Squeaky Bean
- Type: Private
- Industry: Vegan Food
- Founded: 2018; 8 years ago
- Headquarters: Redhill, Surrey, United Kingdom;
- Products: Meat analogue
- Owner: The Compleat Food group
- Number of employees: 200+
- Website: www.squeakybean.co.uk

= Squeaky Bean =

British vegan food company

Squeaky Bean is a British vegan food company and began trading in 2019. It is owned by the British food manufacture company Winterbotham Darby and is based in Redhill, Surrey, United Kingdom. The company experienced rapid expansion from just three products into a multiproduct brand stocked in British supermarkets. The brand significantly expanded its distribution capabilities following the growth and receiving millions of pounds worth of investment. In 2021, it was reported that the brand had amassed a turnover of £7.5 million.

==History==
Squeaky Bean is known for creating vegan deli slices and chicken-style pieces from plant-based ingredients. Despite the "Squeaky Bean" brand name, beans are not a main ingredient in their products. It is wholly owned by chilled foods manufacturing company, Winterbotham Darby. It is an acquisition of PAI Partners and together with Addo Food Group they form The Compleat Food Group. Squeaky Bean products were originally produced at a food production facility in the Netherlands for sale in the UK.

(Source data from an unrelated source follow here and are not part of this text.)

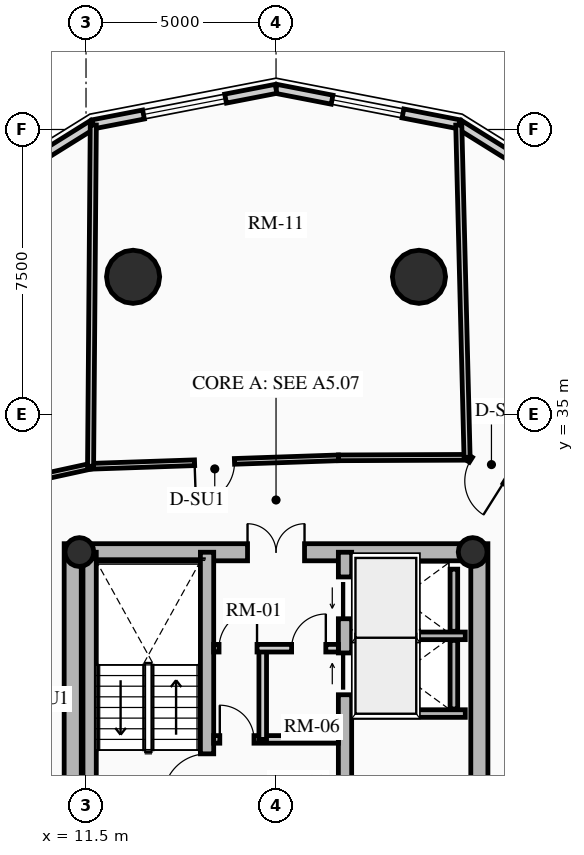
"""IFC4 building model, lengths in metres.
Left out: names, types, materials, properties, quantities, classifications, styles, units other than length and angle.
Written with IfcOpenShell. Run it as: python <this file> out.ifc"""

import sys

from ifc_helpers import new_model, si_unit, direction, frame, frame_2d, origin, origin_2d, place, context, subcontext, project, spatial, rectangle, circle, hollow_circle, extrude, source, transform, mapped, element, fill, save


model = new_model("IFC4")
c1 = context("Model", 3, precision=1e-05, world=origin(), true_north=direction((0.0, 1.0)))
c2 = subcontext(c1, "Body", "Model", "MODEL_VIEW")
j1 = project(units=[si_unit("LENGTHUNIT", "METRE"), si_unit("PLANEANGLEUNIT", "RADIAN")], contexts=[c1])
p1 = place(None, origin())
s1 = spatial("IfcSite", under=j1, at=p1, CompositionType="ELEMENT")
p2 = place(p1, origin())
s2 = spatial("IfcBuilding", under=s1, at=p2, CompositionType="ELEMENT")
p3 = place(p2, frame((0.0, 0.0, 81.79)))
s3 = spatial("IfcBuildingStorey", under=s2, at=p3, CompositionType="ELEMENT", Elevation=81.79)
for number, where, z_axis, x_axis in (
    (1, (11.15, 17.4, 0.0), (0.0, 0.0, 1.0), (0.0, 1.0, 0.0)),
    (2, (21.85, 17.4, 0.0), (0.0, 0.0, 1.0), (0.0, 1.0, 0.0)),
):
    element("IfcWall", number, at=place(p3, frame(where, z_axis=z_axis, x_axis=x_axis)), inside=s3, PredefinedType="SHEAR", context=c2, shape_type="SweptSolid", body=[
        extrude(rectangle(XDim=14.2, YDim=0.45, at=frame_2d((7.1, 0.0))), origin(), (0.0, 0.0, 1.0), 2.91),
    ])
p4 = place(p3, frame((11.15, 31.375, 0.0), z_axis=(0.0, 0.0, 1.0), x_axis=(1.0, 0.0, 0.0)))
e3 = element("IfcWall", 3, at=p4, inside=s3, PredefinedType="SHEAR", context=c2, shape_type="SweptSolid", body=[
    extrude(rectangle(XDim=10.7, YDim=0.45, at=frame_2d((5.35, 0.0))), origin(), (0.0, 0.0, 1.0), 2.91),
])
m1 = source(origin(), c2, "Body", "SweptSolid", [
    extrude(rectangle(XDim=1.5, YDim=2.02, at=frame_2d((0.75, 1.01))), frame((0.0, 0.235, 0.0), z_axis=(0.0, -1.0, 0.0), x_axis=(1.0, 0.0, 0.0)), (0.0, 0.0, 1.0), 0.47),
])
p5 = place(p4, frame((4.6, 0.0, 0.0)))
e4 = element("IfcOpeningElement", 4, at=p5, cuts=e3, PredefinedType="OPENING", context=c2, shape_type="MappedRepresentation", body=[
    mapped(m1, transform((0.0, 0.0, 0.0), x_axis=(1.0, 0.0, 0.0), y_axis=(0.0, 1.0, 0.0), z_axis=(0.0, 0.0, 1.0), scale=1.0)),
])
p6 = place(p3, frame((14.685, 17.625, 0.0), z_axis=(0.0, 0.0, 1.0), x_axis=(0.0, 1.0, 0.0)))
e5 = element("IfcWall", 5, at=p6, inside=s3, PredefinedType="SHEAR", context=c2, shape_type="SweptSolid", body=[
    extrude(rectangle(XDim=13.75, YDim=0.35, at=frame_2d((6.875, 0.0))), origin(), (0.0, 0.0, 1.0), 2.91),
])
m2 = source(origin(), c2, "Body", "SweptSolid", [
    extrude(rectangle(XDim=1.1, YDim=2.015, at=frame_2d((0.55, 1.007))), frame((0.0, 0.185, 0.0), z_axis=(0.0, -1.0, 0.0), x_axis=(1.0, 0.0, 0.0)), (0.0, 0.0, 1.0), 0.37),
])
p7 = place(p6, frame((4.875, 0.0, 0.0)))
e6 = element("IfcOpeningElement", 6, at=p7, cuts=e5, PredefinedType="OPENING", context=c2, shape_type="MappedRepresentation", body=[
    mapped(m2, transform((0.0, 0.0, 0.0), x_axis=(1.0, 0.0, 0.0), y_axis=(0.0, 1.0, 0.0), z_axis=(0.0, 0.0, 1.0), scale=1.0)),
])
m3 = source(origin(), c2, "Body", "SweptSolid", [
    extrude(rectangle(XDim=1.15, YDim=2.02, at=frame_2d((0.575, 1.01))), frame((0.0, 0.185, 0.0), z_axis=(0.0, -1.0, 0.0), x_axis=(1.0, 0.0, 0.0)), (0.0, 0.0, 1.0), 0.37),
])
p8 = place(p6, frame((7.295, 0.0, 0.0)))
e7 = element("IfcOpeningElement", 7, at=p8, cuts=e5, PredefinedType="OPENING", context=c2, shape_type="MappedRepresentation", body=[
    mapped(m3, transform((0.0, 0.0, 0.0), x_axis=(1.0, 0.0, 0.0), y_axis=(0.0, 1.0, 0.0), z_axis=(0.0, 0.0, 1.0), scale=1.0)),
])
p9 = place(p3, frame((18.315, 17.625, 0.0), z_axis=(0.0, 0.0, 1.0), x_axis=(0.0, 1.0, 0.0)))
e8 = element("IfcWall", 8, at=p9, inside=s3, PredefinedType="SHEAR", context=c2, shape_type="SweptSolid", body=[
    extrude(rectangle(XDim=13.75, YDim=0.35, at=frame_2d((6.875, 0.0))), origin(), (0.0, 0.0, 1.0), 2.91),
])
p10 = place(p9, frame((10.0, 0.0, 0.0)))
e9 = element("IfcOpeningElement", 9, at=p10, cuts=e8, PredefinedType="OPENING", context=c2, shape_type="MappedRepresentation", body=[
    mapped(m2, transform((0.0, 0.0, 0.0), x_axis=(1.0, 0.0, 0.0), y_axis=(0.0, 1.0, 0.0), z_axis=(0.0, 0.0, 1.0), scale=1.0)),
])
p11 = place(p9, frame((12.0, 0.0, 0.0)))
e10 = element("IfcOpeningElement", 10, at=p11, cuts=e8, PredefinedType="OPENING", context=c2, shape_type="MappedRepresentation", body=[
    mapped(m2, transform((0.0, 0.0, 0.0), x_axis=(1.0, 0.0, 0.0), y_axis=(0.0, 1.0, 0.0), z_axis=(0.0, 0.0, 1.0), scale=1.0)),
])
p12 = place(p9, frame((5.305, 0.0, 0.0)))
e11 = element("IfcOpeningElement", 11, at=p12, cuts=e8, PredefinedType="OPENING", context=c2, shape_type="MappedRepresentation", body=[
    mapped(m3, transform((0.0, 0.0, 0.0), x_axis=(1.0, 0.0, 0.0), y_axis=(0.0, 1.0, 0.0), z_axis=(0.0, 0.0, 1.0), scale=1.0)),
])
p13 = place(p3, frame((11.595, 24.655, 0.0), z_axis=(0.0, 0.0, 1.0), x_axis=(0.0, 1.0, 0.0)))
e12 = element("IfcWall", 12, at=p13, inside=s3, PredefinedType="SHEAR", context=c2, shape_type="SweptSolid", body=[
    extrude(rectangle(XDim=6.72, YDim=0.35, at=frame_2d((3.36, 0.0))), origin(), (0.0, 0.0, 1.0), 2.91),
])
for number, where, z_axis, x_axis in (
    (13, (11.325, 31.38, 0.0), (0.0, 0.0, 1.0), (1.0, 0.0, 0.0)),
    (14, (21.675, 31.38, 0.0), (0.0, 0.0, 1.0), (1.0, 0.0, 0.0)),
):
    element("IfcColumn", number, at=place(p3, frame(where, z_axis=z_axis, x_axis=x_axis)), inside=s3, PredefinedType="COLUMN", context=c2, shape_type="SweptSolid", body=[
        extrude(hollow_circle(Radius=0.38, WallThickness=0.032, at=origin_2d()), origin(), (0.0, 0.0, 1.0), 2.91),
    ])
for number, where, z_axis, x_axis in (
    (15, (20.261, 38.623, 0.0), (0.0, 0.0, 1.0), (1.0, 0.0, 0.0)),
    (16, (12.739, 38.623, 0.0), (0.0, 0.0, 1.0), (1.0, 0.0, 0.0)),
):
    element("IfcColumn", number, at=place(p3, frame(where, z_axis=z_axis, x_axis=x_axis)), inside=s3, PredefinedType="USERDEFINED", context=c2, shape_type="SweptSolid", body=[
        extrude(circle(Radius=0.7, at=origin_2d()), origin(), (0.0, 0.0, 1.0), 2.91),
    ])
p14 = place(p3, frame((21.315, 42.637, 0.0), z_axis=(0.0, 0.0, 1.0), x_axis=(0.848520380187, -0.529162701263, 0.0)))
e17 = element("IfcWall", 17, at=p14, inside=s3, PredefinedType="SOLIDWALL", context=c2, shape_type="SweptSolid", body=[
    extrude(rectangle(XDim=5.119, YDim=0.24, at=frame_2d((2.56, 0.0))), origin(), (0.0, 0.0, 1.0), 2.179),
])
p15 = place(p3, frame((16.5, 43.57, 0.0), z_axis=(0.0, 0.0, 1.0), x_axis=(0.981723785992, -0.190311344954, 0.0)))
e18 = element("IfcWall", 18, at=p15, inside=s3, PredefinedType="SOLIDWALL", context=c2, shape_type="SweptSolid", body=[
    extrude(rectangle(XDim=4.904, YDim=0.24, at=frame_2d((2.452, 0.0))), origin(), (0.0, 0.0, 1.0), 2.179),
])
m4 = source(origin(), c2, "Body", "SweptSolid", [
    extrude(rectangle(XDim=1.9, YDim=1.35, at=frame_2d((0.95, 0.675))), frame((0.0, 0.13, 0.0), z_axis=(0.0, -1.0, 0.0), x_axis=(1.0, 0.0, 0.0)), (0.0, 0.0, 1.0), 0.26),
])
p16 = place(p15, frame((1.502, 0.0, 0.65)))
e19 = element("IfcOpeningElement", 19, at=p16, cuts=e18, PredefinedType="OPENING", context=c2, shape_type="MappedRepresentation", body=[
    mapped(m4, transform((0.0, 0.0, 0.0), x_axis=(1.0, 0.0, 0.0), y_axis=(0.0, 1.0, 0.0), z_axis=(0.0, 0.0, 1.0), scale=1.0)),
])
p17 = place(p3, frame((11.685, 42.637, 0.0), z_axis=(0.0, 0.0, 1.0), x_axis=(0.981723785992, 0.190311344954, 0.0)))
e20 = element("IfcWall", 20, at=p17, inside=s3, PredefinedType="SOLIDWALL", context=c2, shape_type="SweptSolid", body=[
    extrude(rectangle(XDim=4.904, YDim=0.24, at=frame_2d((2.452, 0.0))), origin(), (0.0, 0.0, 1.0), 2.179),
])
m5 = source(origin(), c2, "Body", "SweptSolid", [
    extrude(rectangle(XDim=2.2, YDim=1.35, at=frame_2d((1.1, 0.675))), frame((0.0, 0.13, 0.0), z_axis=(0.0, -1.0, 0.0), x_axis=(1.0, 0.0, 0.0)), (0.0, 0.0, 1.0), 0.26),
])
p18 = place(p17, frame((1.352, 0.0, 0.65)))
e21 = element("IfcOpeningElement", 21, at=p18, cuts=e20, PredefinedType="OPENING", context=c2, shape_type="MappedRepresentation", body=[
    mapped(m5, transform((0.0, 0.0, 0.0), x_axis=(1.0, 0.0, 0.0), y_axis=(0.0, 1.0, 0.0), z_axis=(0.0, 0.0, 1.0), scale=1.0)),
])
p19 = place(p3, frame((7.342, 39.928, 0.0), z_axis=(0.0, 0.0, 1.0), x_axis=(0.848520380187, 0.529162701263, 0.0)))
e22 = element("IfcWall", 22, at=p19, inside=s3, PredefinedType="SOLIDWALL", context=c2, shape_type="SweptSolid", body=[
    extrude(rectangle(XDim=5.119, YDim=0.24, at=frame_2d((2.56, 0.0))), origin(), (0.0, 0.0, 1.0), 2.179),
])
for number, where, z_axis, x_axis in (
    (23, (18.51, 27.13, 0.0), (0.0, 0.0, 1.0), (1.0, 0.0, 0.0)),
    (24, (18.51, 29.175, 0.0), (0.0, 0.0, 1.0), (1.0, 0.0, 0.0)),
):
    element("IfcWall", number, at=place(p3, frame(where, z_axis=z_axis, x_axis=x_axis)), inside=s3, PredefinedType="SHEAR", context=c2, shape_type="SweptSolid", body=[
        extrude(rectangle(XDim=2.97, YDim=0.2, at=frame_2d((1.485, 0.0))), origin(), (0.0, 0.0, 1.0), 2.91),
    ])
p20 = place(p3, frame((21.18, 27.25, 0.0), z_axis=(0.0, 0.0, 1.0), x_axis=(0.0, 1.0, 0.0)))
e25 = element("IfcWall", 25, at=p20, inside=s3, PredefinedType="SHEAR", context=c2, shape_type="SweptSolid", body=[
    extrude(rectangle(XDim=1.805, YDim=0.2, at=frame_2d((0.902, 0.0))), origin(), (0.0, 0.0, 1.0), 2.91),
])
p21 = place(p3, frame((21.18, 29.295, 0.0), z_axis=(0.0, 0.0, 1.0), x_axis=(0.0, 1.0, 0.0)))
e26 = element("IfcWall", 26, at=p21, inside=s3, PredefinedType="SHEAR", context=c2, shape_type="SweptSolid", body=[
    extrude(rectangle(XDim=1.635, YDim=0.2, at=frame_2d((0.817, 0.0))), origin(), (0.0, 0.0, 1.0), 2.91),
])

Squeaky Bean officially began trading with sales of produce in January 2019. The brand originally launched with three SKUs: satay kievs, fishless fingers and nuggets. In a press release, Squeaky Bean's promotional team stated that they were "inspired" by vegan options while dining out, but were "bored" by vegan foods in supermarkets. Their business strategy was to bring "childhood favourites" to the supermarkets and give vegans more "indulgent" food choices. Squeaky Bean try to recreate the taste and appearance of real meat, with Augustine stating "it's a misconception that vegans and vegetarians don’t want to eat products that taste and look like meat." The brand has created junk food options to attract consumers not interested in the healthy lifestyle aspect traditionally associated with the vegan food category.

Squeaky Bean changed its branding, logo and packaging in their second year of trading. They also ceased use of their "100% dirty vegan" slogan. They also launched a range of ready-to-eat products. The company experienced rapid growth in its early years of trading, especially in 2021. In 2020, the brand received a £6 million investment and opened its first British manufacturing site in Bicester. Squeaky Bean's distribution increased five fold that year. In November 2020, the brand significantly expanded its range with six new products. In 2021, food industry magazine The Grocer valued Squeaky Bean's annual sales at £7.5 million. Vegan food sales continued to rise and Squeaky Bean struggled to meet demand. The company reported a sales increase of 222% year-on-year sales for the month of January 2021. In 2021, Winterbotham Darby invested £5 million in a second manufacturing site in Milton Keynes to expand their supply power.

During the COVID-19 pandemic, the brand launched the "Squeaky Bean Plant-Based Box". The venture was a home delivery service which offered consumers a box of plant-based products during lockdowns. In 2020, they added a potato tortilla to their range. In May 2021, the company expanded into manufacturing dipping sauces. They launched three new dips in a partnership with The Co-operative Group. In June 2021, Squeaky Bean partnered with fellow vegan brand Crackd for a new product launch. Crackd produces a vegan egg alternative, which Squeaky Bean began using in their Scotch egg style product. In October 2021, Squeaky Bean announced their continued expansion in the deli-style slices category, via a deal with Sainsburys. Squeaky Bean's focus on lunchbox snacks was to promote a "plant hour" initiative, in which more people eat vegan food on their lunch breaks. In November 2021, it was announced that Squeaky Bean had created their first vegan cheese product, a New Yorker–style sandwich filling. It was also the first time a vegan brand had packaged a meat substitute and vegan cheese together. In 2022, their parent company Winterbotham Darby, listed the brand as selling twenty SKUs in more than four major British supermarkets.

In February 2021, for its work on Squeaky Bean, Winterbotham Darby won the "Plant-Based Manufacturing Company of the Year" accolade at the Food Manufacture Excellence awards. In September 2021, Squeaky Bean created a publicity stunt when it partnered with social media influencers to create an online project in the style of a reality television series. Squeaky Bean created the "Squeaky House" inside a mansion and moved seven influencers into the house. There they lived and competed with each other in vegan-themed cooking challenges.